The cgi-bin C program would load 6 images, as fast as it possibly could, and dump them into a network socket. It would not throttle. It would not check if the client disconnected. It had one job. It did it efficiently, and ruthlessly.
I expect that you were using this weird corner of the HTTP spec that is X-Mixed-replace[1]; where the server can keep feeding responses for the same request and the browser is supposed to replace the element with the new-one. A lot of IP cameras are using this to stream JPEG to the browser.
This technology is getting phased out and mostly only works with images.
bugzilla still uses it to show the "Please wait while your bugs are retrieved." page while executing a search to then replace the page with the results.

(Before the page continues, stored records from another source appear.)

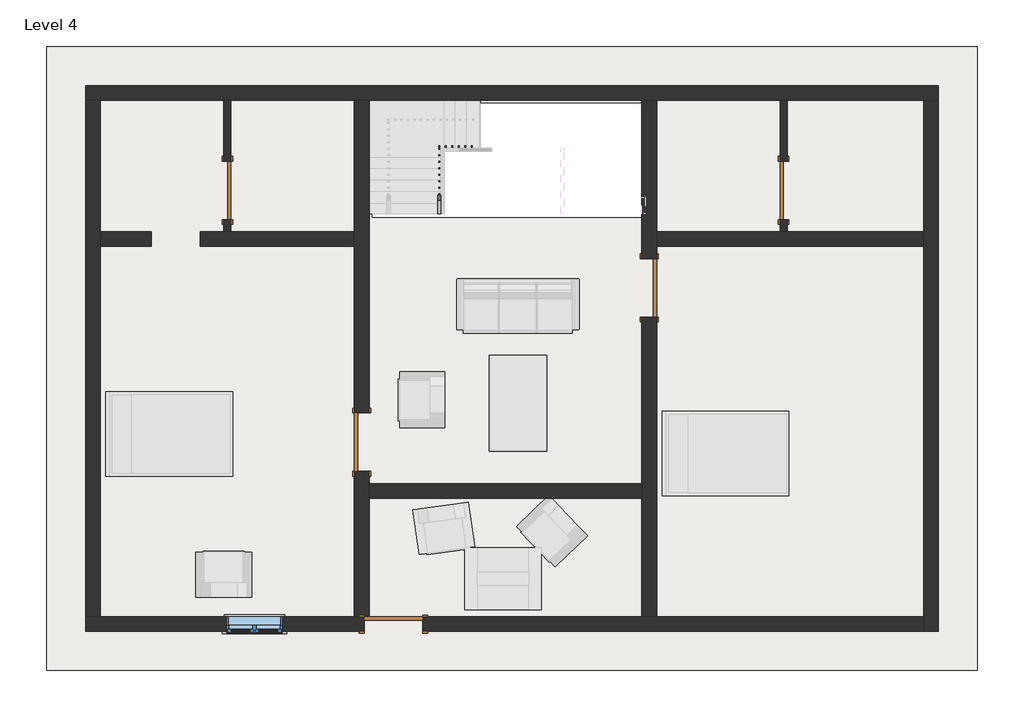
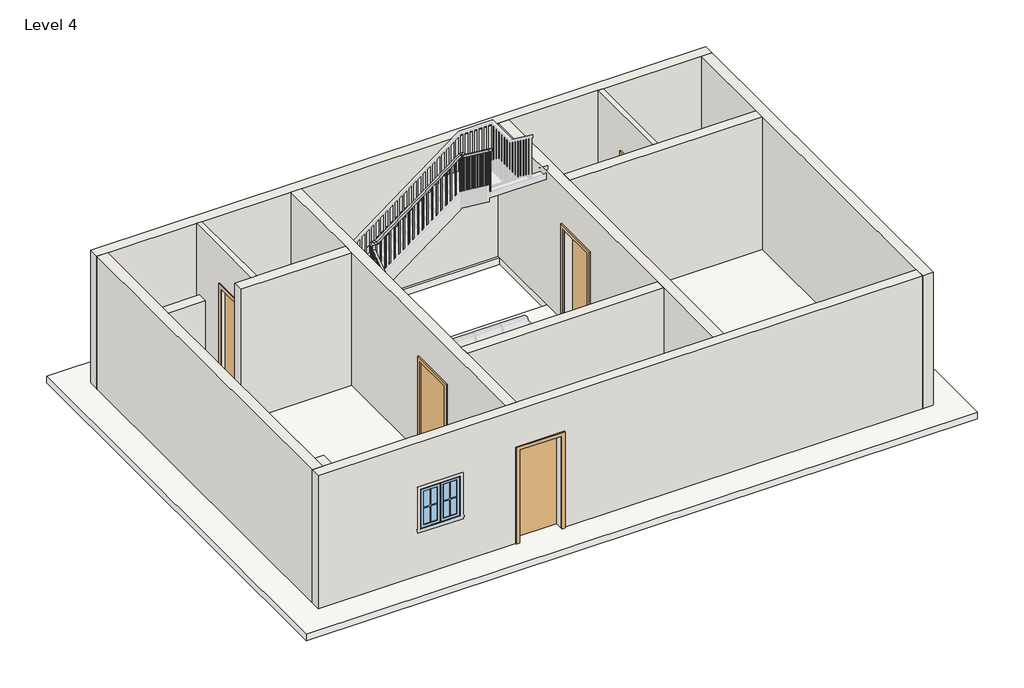
# One storey, part 1 of 2: 12 walls, 5 doors, 1 railing, 1 roof, 1 window.
"""IFC4 building model written with IfcOpenShell, lengths in millimetres."""

from ifc_helpers import new_model, si_unit, frame, origin, place, context, project, spatial, polyline, outline, extrude, faceted_brep, transform, mapped, element, save
from components import door_e5f9f3c4, door_a90ba1ad, door_305aa2a5, window_339605e1

model = new_model("IFC4")

# Units and contexts
model_context = context("Model", 3, world=origin())
ifc_project = project(units=[si_unit("LENGTHUNIT", "METRE", prefix="MILLI")], contexts=[model_context])

# Site, building, storey
site = spatial("IfcSite", under=ifc_project)
building = spatial("IfcBuilding", under=site)
storey = spatial("IfcBuildingStorey", under=building, Name="Level 4", Elevation=6400.8)

# Doors
placement = place(None, origin())
door_shape = door_e5f9f3c4(model_context)
element("IfcDoor", 1, ObjectType="Single-Flush : 36\" x 84\"", at=placement, inside=storey, context=model_context, shape_type="MappedRepresentation", body=[
    mapped(door_shape, transform((-5709.1546642, 5087.2167606, 6400.8), x_axis=(0.0, -1.0, 0.0), y_axis=(1.0, 0.0, 0.0), z_axis=(0.0, 0.0, 1.0))),
])
door_2_shape = door_a90ba1ad(model_context)
element("IfcDoor", 2, ObjectType="Single-Flush : 36\" x 84\"", at=placement, inside=storey, context=model_context, shape_type="MappedRepresentation", body=[
    mapped(door_2_shape, transform((-3607.3046642, 1150.2167606, 6400.8), x_axis=(0.0, -1.0, 0.0), y_axis=(1.0, 0.0, 0.0), z_axis=(0.0, 0.0, 1.0))),
])
element("IfcDoor", 3, ObjectType="Single-Flush : 36\" x 84\"", at=placement, inside=storey, context=model_context, shape_type="MappedRepresentation", body=[
    mapped(door_2_shape, transform((888.4953358, 3563.2167606, 6400.8), x_axis=(0.0, 1.0, 0.0), y_axis=(-1.0, 0.0, 0.0), z_axis=(0.0, 0.0, 1.0))),
])
element("IfcDoor", 4, ObjectType="Single-Flush : 36\" x 84\"", at=placement, inside=storey, context=model_context, shape_type="MappedRepresentation", body=[
    mapped(door_2_shape, transform((-3112.0046642, -1694.5832394, 6400.8), x_axis=(-1.0, 0.0, 0.0), y_axis=(0.0, -1.0, 0.0), z_axis=(0.0, 0.0, 1.0))),
])
door_3_shape = door_305aa2a5(model_context)
element("IfcDoor", 5, ObjectType="Single-Flush : 36\" x 84\"", at=placement, inside=storey, context=model_context, shape_type="MappedRepresentation", body=[
    mapped(door_3_shape, transform((2990.3453358, 5087.2167606, 6400.8), x_axis=(0.0, -1.0, 0.0), y_axis=(1.0, 0.0, 0.0), z_axis=(0.0, 0.0, 1.0))),
])

# Railing
element("IfcRailing", 6, ObjectType="Handrail - Rectangular", at=placement, inside=storey, context=model_context, shape_type="SolidModel", body=[
    faceted_brep([(-2419.4972892, 4718.9167606, 7447.7217391), (-2419.4972892, 4718.9167606, 7384.3634439), (-2368.6972892, 4718.9167606, 7384.3634439), (-2368.6972892, 4718.9167606, 7447.7217391), (-2419.4972892, 5670.3536537, 8156.8672495), (-2419.4972892, 5721.1536537, 8131.3723083), (-2368.6972892, 5721.1536537, 8131.3723083), (-2368.6972892, 5670.3536537, 8156.8672495), (-2419.4972892, 5670.3536537, 8263.6733611), (-2419.4972892, 5721.1536537, 8212.8733611), (-2368.6972892, 5721.1536537, 8212.8733611), (-2368.6972892, 5670.3536537, 8263.6733611), (-2419.4972892, 5797.3536537, 8263.6733611), (-2419.4972892, 5797.3536537, 8212.8733611), (-2368.6972892, 5746.5536537, 8212.8733611), (-2368.6972892, 5746.5536537, 8263.6733611), (-2292.4972892, 5797.3536537, 8263.6733611), (-2275.6482431, 5797.3536537, 8212.8733611), (-2275.6482431, 5746.5536537, 8212.8733611), (-2292.4972892, 5746.5536537, 8263.6733611), (-474.1369697, 5797.3536537, 9618.9729781), (-457.2879235, 5797.3536537, 9568.1729781), (-457.2879235, 5746.5536537, 9568.1729781), (-474.1369697, 5746.5536537, 9618.9729781), (-394.2046642, 5797.3536537, 9618.9729781), (-394.2046642, 5797.3536537, 9568.1729781), (-445.0046642, 5746.5536537, 9568.1729781), (-445.0046642, 5746.5536537, 9618.9729781), (-394.2046642, 5717.4213483, 9618.9729781), (-394.2046642, 5700.5723021, 9568.1729781), (-445.0046642, 5700.5723021, 9568.1729781), (-445.0046642, 5717.4213483, 9618.9729781), (-394.2046642, 4718.9167606, 10363.2), (-445.0046642, 4718.9167606, 10363.2), (-445.0046642, 4718.9167606, 10299.8417047), (-394.2046642, 4718.9167606, 10299.8417047)], [[[0, 1, 2, 3]], [[1, 0, 4, 5]], [[2, 1, 5, 6]], [[3, 2, 6, 7]], [[0, 3, 7, 4]], [[5, 4, 8, 9]], [[6, 5, 9, 10]], [[7, 6, 10, 11]], [[4, 7, 11, 8]], [[9, 8, 12, 13]], [[10, 9, 13, 14]], [[11, 10, 14, 15]], [[8, 11, 15, 12]], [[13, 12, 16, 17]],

Video tag pointing to an MP4 will use byte range requests in chrome, which is pseudo streaming. For real streaming look into something like rtmp or hls, which does require js in some browsers. The main difference is one can handle live feeds the other cannot to my knowledge. Also real streaming has adaptive bitrate (switch to lower quality to avoid stuttering and buffering). The distinction between streaming and pseudo streaming is blurry. My litmus test is it can it handle live feeds? Html5 video tag cannot without hacks, per my understanding
Our app does something like this by loading an image with an xhr then immediately requesting the next image when the previous one finishes
Multipart+JPEG is easily 5x more expensive than MP4 in terms of bandwidth. All new IP cameras come with MP4 as a replacement. Steaming can be done in various ways, usually with the help of some JavaScript + video tag.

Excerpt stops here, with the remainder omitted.